张忌打动我的是他的文学观念。长期以来,当代中国文学都是走学习、致敬和成功学路线,屈膝于西方大师,膜拜文学界的成功人士,委身于文学期刊和文学评论家们的标准,乃至于有人恬不知耻地将自己的写作跟这个奖那个奖联系起来搞什么冲锋。此类种种不仅是反文学反文艺的,而且是反人类的暴行。在我看来,真正意义上的原创实属罕见。原创指的不仅仅是个体风格,还包括本土意识。原创与殚精竭虑无关,而只是觉悟。早就该在写作上摒弃满足于烂俗故事的做法了,早就该摒弃逞凶斗狠了,早就该重新拾起春风化雨如沐春风这样的美学自觉了。如何认识我们自身?如何接续我们的传统?如何无限靠近我们感知到的美乃至真理?这是我在张忌的小说中能够感受到的“劲”,看到了他的努力。就我所知,张忌的小说不仅在同代人中是罕见的,在整个现当代文学中,也并不“主流”。如果说张忌的写作源自某条脉络,那就是中国传统美学。这一美学荡漾于张忌使用的宋代杯盏之间,栖息于晚明的江南,然后是周作人、汪曾祺、阿城。张忌推崇金宇澄的《繁花》亦为应有之义。我没有读过《繁花》,但我信任张忌的美学趋向。而且我也没有读过张忌的其他小说,仅此一篇,就能产生美学上的信任。我相信,这是文学的力量,而非简单的阅读感受。

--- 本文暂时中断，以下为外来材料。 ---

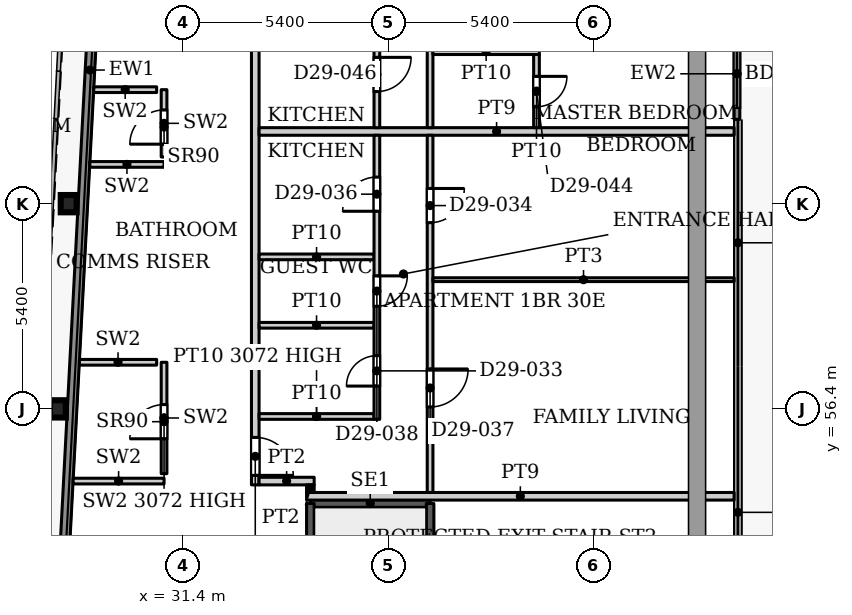
"""IFC4 building model, lengths in metres.
Left out: names, types, materials, properties, quantities, classifications, styles, units other than length and angle.
Written with IfcOpenShell. Run it as: python <this file> out.ifc"""

import sys

from ifc_helpers import new_model, si_unit, direction, frame, frame_2d, origin, origin_2d, place, context, subcontext, project, spatial, rectangle, i_section, extrude, source, transform, mapped, element, fill, save


model = new_model("IFC4")
c1 = context("Model", 3, precision=1e-05, world=origin(), true_north=direction((0.0, 1.0)))
c2 = subcontext(c1, "Body", "Model", "MODEL_VIEW")
j1 = project(units=[si_unit("LENGTHUNIT", "METRE"), si_unit("PLANEANGLEUNIT", "RADIAN")], contexts=[c1])
p1 = place(None, origin())
s1 = spatial("IfcSite", under=j1, at=p1, CompositionType="ELEMENT")
p2 = place(p1, origin())
s2 = spatial("IfcBuilding", under=s1, at=p2, CompositionType="ELEMENT")
p3 = place(p2, frame((0.0, 0.0, 129.2)))
s3 = spatial("IfcBuildingStorey", under=s2, at=p3, CompositionType="ELEMENT", Elevation=129.2)
for number, where, z_axis, x_axis in (
    (1, (28.106, 56.4, 0.0), (0.0, 0.0, 1.0), (1.0, 0.0, 0.0)),
    (2, (28.39, 61.8, 0.0), (0.0, 0.0, 1.0), (1.0, 0.0, 0.0)),
):
    element("IfcColumn", number, at=place(p3, frame(where, z_axis=z_axis, x_axis=x_axis)), inside=s3, PredefinedType="COLUMN", context=c2, shape_type="SweptSolid", body=[
        extrude(i_section(OverallWidth=0.418, OverallDepth=0.455, WebThickness=0.042, FlangeThickness=0.068, FilletRadius=0.014, at=origin_2d()), origin(), (0.0, 0.0, 1.0), 3.9),
    ])
p4 = place(p3, frame((27.195, 31.969, 0.0), z_axis=(0.0, 0.0, 1.0), x_axis=(0.052554995867, 0.998618031286, 0.0)))
e3 = element("IfcWall", 3, at=p4, inside=s3, PredefinedType="SOLIDWALL", context=c2, shape_type="SweptSolid", body=[
    extrude(rectangle(XDim=66.787, YDim=0.25, at=frame_2d((33.394, 0.0))), origin(), (0.0, 0.0, 1.0), 3.75),
])
p5 = place(p3, frame((45.975, 66.418, 0.0), z_axis=(0.0, 0.0, 1.0), x_axis=(0.0, -1.0, 0.0)))
e4 = element("IfcWall", 4, at=p5, inside=s3, PredefinedType="SOLIDWALL", context=c2, shape_type="SweptSolid", body=[
    extrude(rectangle(XDim=2.4, YDim=0.15, at=frame_2d((1.2, 0.0))), origin(), (0.0, 0.0, 1.0), 3.75),
])
p6 = place(p5, frame((0.3, 0.0, 0.0)))
e5 = element("IfcOpeningElement", 5, at=p6, cuts=e4, PredefinedType="OPENING", context=c2, shape_type="SweptSolid", body=[
    extrude(rectangle(XDim=1.8, YDim=2.4, at=frame_2d((0.9, 1.2))), frame((0.0, 0.085, 0.0), z_axis=(0.0, -1.0, 0.0), x_axis=(1.0, 0.0, 0.0)), (0.0, 0.0, 1.0), 0.17),
])
p7 = place(p3, frame((34.75, 53.91, 0.0), z_axis=(0.0, 0.0, 1.0), x_axis=(1.0, 0.0, 0.0)))
e6 = element("IfcWall", 6, at=p7, inside=s3, PredefinedType="SHEAR", context=c2, shape_type="SweptSolid", body=[
    extrude(rectangle(XDim=3.15, YDim=0.2, at=frame_2d((1.575, 0.0))), origin(), (0.0, 0.0, 1.0), 3.9),
])
p8 = place(p3, frame((34.75, 47.5, 0.0), z_axis=(0.0, 0.0, 1.0), x_axis=(0.0, 1.0, 0.0)))
e7 = element("IfcWall", 7, at=p8, inside=s3, PredefinedType="SHEAR", context=c2, shape_type="SweptSolid", body=[
    extrude(rectangle(XDim=6.41, YDim=0.2, at=frame_2d((3.205, 0.0))), origin(), (0.0, 0.0, 1.0), 3.9),
])
p9 = place(p3, frame((37.9, 44.75, 0.0), z_axis=(0.0, 0.0, 1.0), x_axis=(0.0, 1.0, 0.0)))
e8 = element("IfcWall", 8, at=p9, inside=s3, PredefinedType="SHEAR", context=c2, shape_type="SweptSolid", body=[
    extrude(rectangle(XDim=9.16, YDim=0.2, at=frame_2d((4.58, 0.0))), origin(), (0.0, 0.0, 1.0), 3.9),
])
p10 = place(p3, frame((28.508, 54.5, 0.0), z_axis=(0.0, 0.0, 1.0), x_axis=(1.0, 0.0, 0.0)))
e9 = element("IfcWall", 9, at=p10, inside=s3, PredefinedType="PARTITIONING", context=c2, shape_type="SweptSolid", body=[
    extrude(rectangle(XDim=2.392, YDim=0.15, at=frame_2d((1.196, 0.0))), origin(), (0.0, 0.0, 1.0), 3.9),
])
p11 = place(p3, frame((30.9, 54.695, 0.0), z_axis=(0.0, 0.0, 1.0), x_axis=(0.0, 1.0, 0.0)))
e10 = element("IfcWall", 10, at=p11, inside=s3, PredefinedType="PARTITIONING", context=c2, shape_type="SweptSolid", body=[
    extrude(rectangle(XDim=2.931, YDim=0.15, at=frame_2d((1.465, 0.0))), origin(), (0.0, 0.0, 1.0), 3.072),
])
p12 = place(p11, frame((0.918, 0.0, 0.0)))
e11 = element("IfcOpeningElement", 11, at=p12, cuts=e10, PredefinedType="OPENING", context=c2, shape_type="SweptSolid", body=[
    extrude(rectangle(XDim=0.9, YDim=2.2, at=frame_2d((0.45, 1.1))), frame((0.0, 0.085, 0.0), z_axis=(0.0, -1.0, 0.0), x_axis=(1.0, 0.0, 0.0)), (0.0, 0.0, 1.0), 0.17),
])
p13 = place(p3, frame((28.673, 57.626, 0.0), z_axis=(0.0, 0.0, 1.0), x_axis=(1.0, 0.0, 0.0)))
e12 = element("IfcWall", 12, at=p13, inside=s3, PredefinedType="PARTITIONING", context=c2, shape_type="SweptSolid", body=[
    extrude(rectangle(XDim=2.032, YDim=0.15, at=frame_2d((1.016, 0.0))), origin(), (0.0, 0.0, 1.0), 3.9),
])
p14 = place(p3, frame((28.947, 62.833, 0.0), z_axis=(0.0, 0.0, 1.0), x_axis=(1.0, 0.0, 0.0)))
e13 = element("IfcWall", 13, at=p14, inside=s3, PredefinedType="PARTITIONING", context=c2, shape_type="SweptSolid", body=[
    extrude(rectangle(XDim=1.953, YDim=0.15, at=frame_2d((0.977, 0.0))), origin(), (0.0, 0.0, 1.0), 3.9),
])
p15 = place(p3, frame((30.9, 63.028, 0.0), z_axis=(0.0, 0.0, 1.0), x_axis=(0.0, 1.0, 0.0)))
e14 = element("IfcWall", 14, at=p15, inside=s3, PredefinedType="PARTITIONING", context=c2, shape_type="SweptSolid", body=[
    extrude(rectangle(XDim=1.772, YDim=0.15, at=frame_2d((0.886, 0.0))), origin(), (0.0, 0.0, 1.0), 3.9),
])
p16 = place(p15, frame((0.338, 0.0, 0.0)))
e15 = element("IfcOpeningElement", 15, at=p16, cuts=e14, PredefinedType="OPENING", context=c2, shape_type="SweptSolid", body=[
    extrude(rectangle(XDim=0.9, YDim=2.2, at=frame_2d((0.45, 1.1))), frame((0.0, 0.085, 0.0), z_axis=(0.0, -1.0, 0.0), x_axis=(1.0, 0.0, 0.0)), (0.0, 0.0, 1.0), 0.17),
])
p17 = place(p3, frame((29.05, 64.8, 0.0), z_axis=(0.0, 0.0, 1.0), x_axis=(1.0, 0.0, 0.0)))
e16 = element("IfcWall", 16, at=p17, inside=s3, PredefinedType="PARTITIONING", context=c2, shape_type="SweptSolid", body=[
    extrude(rectangle(XDim=1.655, YDim=0.15, at=frame_2d((0.828, 0.0))), origin(), (0.0, 0.0, 1.0), 3.9),
])
p18 = place(p3, frame((33.3, 54.4, 0.0), z_axis=(0.0, 0.0, 1.0), x_axis=(0.0, 1.0, 0.0)))
e17 = element("IfcWall", 17, at=p18, inside=s3, PredefinedType="PARTITIONING", context=c2, shape_type="SweptSolid", body=[
    extrude(rectangle(XDim=24.95, YDim=0.2, at=frame_2d((12.475, 0.0))), origin(), (0.0, 0.0, 1.0), 3.6),
])
p19 = place(p18, frame((0.25, 0.0, 0.0)))
e18 = element("IfcOpeningElement", 18, at=p19, cuts=e17, PredefinedType="OPENING", context=c2, shape_type="SweptSolid", body=[
    extrude(rectangle(XDim=1.0, YDim=2.1, at=frame_2d((0.5, 1.05))), frame((0.0, 0.11, 0.0), z_axis=(0.0, -1.0, 0.0), x_axis=(1.0, 0.0, 0.0)), (0.0, 0.0, 1.0), 0.22),
])
p20 = place(p18, frame((20.5, 0.0, 0.0)))
e19 = element("IfcOpeningElement", 19, at=p20, cuts=e17, PredefinedType="OPENING", context=c2, shape_type="SweptSolid", body=[
    extrude(rectangle(XDim=1.0, YDim=2.1, at=frame_2d((0.5, 1.05))), frame((0.0, 0.11, 0.0), z_axis=(0.0, -1.0, 0.0), x_axis=(1.0, 0.0, 0.0)), (0.0, 0.0, 1.0), 0.22),
])
p21 = place(p3, frame((33.4, 54.5, 0.0), z_axis=(0.0, 0.0, 1.0), x_axis=(1.0, 0.0, 0.0)))
e20 = element("IfcWall", 20, at=p21, inside=s3, PredefinedType="PARTITIONING", context=c2, shape_type="SweptSolid", body=[
    extrude(rectangle(XDim=1.45, YDim=0.2, at=frame_2d((0.725, 0.0))), origin(), (0.0, 0.0, 1.0), 3.6),
])
p22 = place(p3, frame((33.4, 56.2, 0.0), z_axis=(0.0, 0.0, 1.0), x_axis=(1.0, 0.0, 0.0)))
e21 = element("IfcWall", 21, at=p22, inside=s3, PredefinedType="PARTITIONING", context=c2, shape_type="SweptSolid", body=[
    extrude(rectangle(XDim=3.025, YDim=0.15, at=frame_2d((1.513, 0.0))), origin(), (0.0, 0.0, 1.0), 3.072),
])
for number, where, z_axis, x_axis in (
    (22, (33.4, 58.6, 0.0), (0.0, 0.0, 1.0), (1.0, 0.0, 0.0)),
    (23, (33.4, 60.4, 0.0), (0.0, 0.0, 1.0), (1.0, 0.0, 0.0)),
):
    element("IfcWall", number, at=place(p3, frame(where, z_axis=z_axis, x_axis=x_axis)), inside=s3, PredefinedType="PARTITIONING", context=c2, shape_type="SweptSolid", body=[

老实说,这些年来,我很少读同行的小说。这基于一条经验,那就是评论家和同行们交口称赞的“文学新贵”,我看了大都非常失望。不仅失望,有时还很厌恶。让我觉得所谓文坛是一个人多且臭的屋子。《红楼梦》似乎描述过这种感受,宝玉说人多味儿太大,还是出去吧,和宝琴一起踏着雪去栊翠庵摘了梅花(是不是这样?具体不记得了)。我是在非常偶然的情况下读了张忌的《小京》,应该是失眠,看了好几部电影,都是烂片,到了下半夜,瞥见邮箱里有张忌的《小京》。读了两段,整个人就静了下来,然后就是天亮了。先是窗帘外微微有了点白光,然后我看到了桌椅的腿在地板上出现了阴影,再之后就是走廊里有脚步声。因为这篇小说的缘故,这一场景让我记忆犹新,是本人在鲁院生活中唯一值得一提的事,也是一件值得感激的事。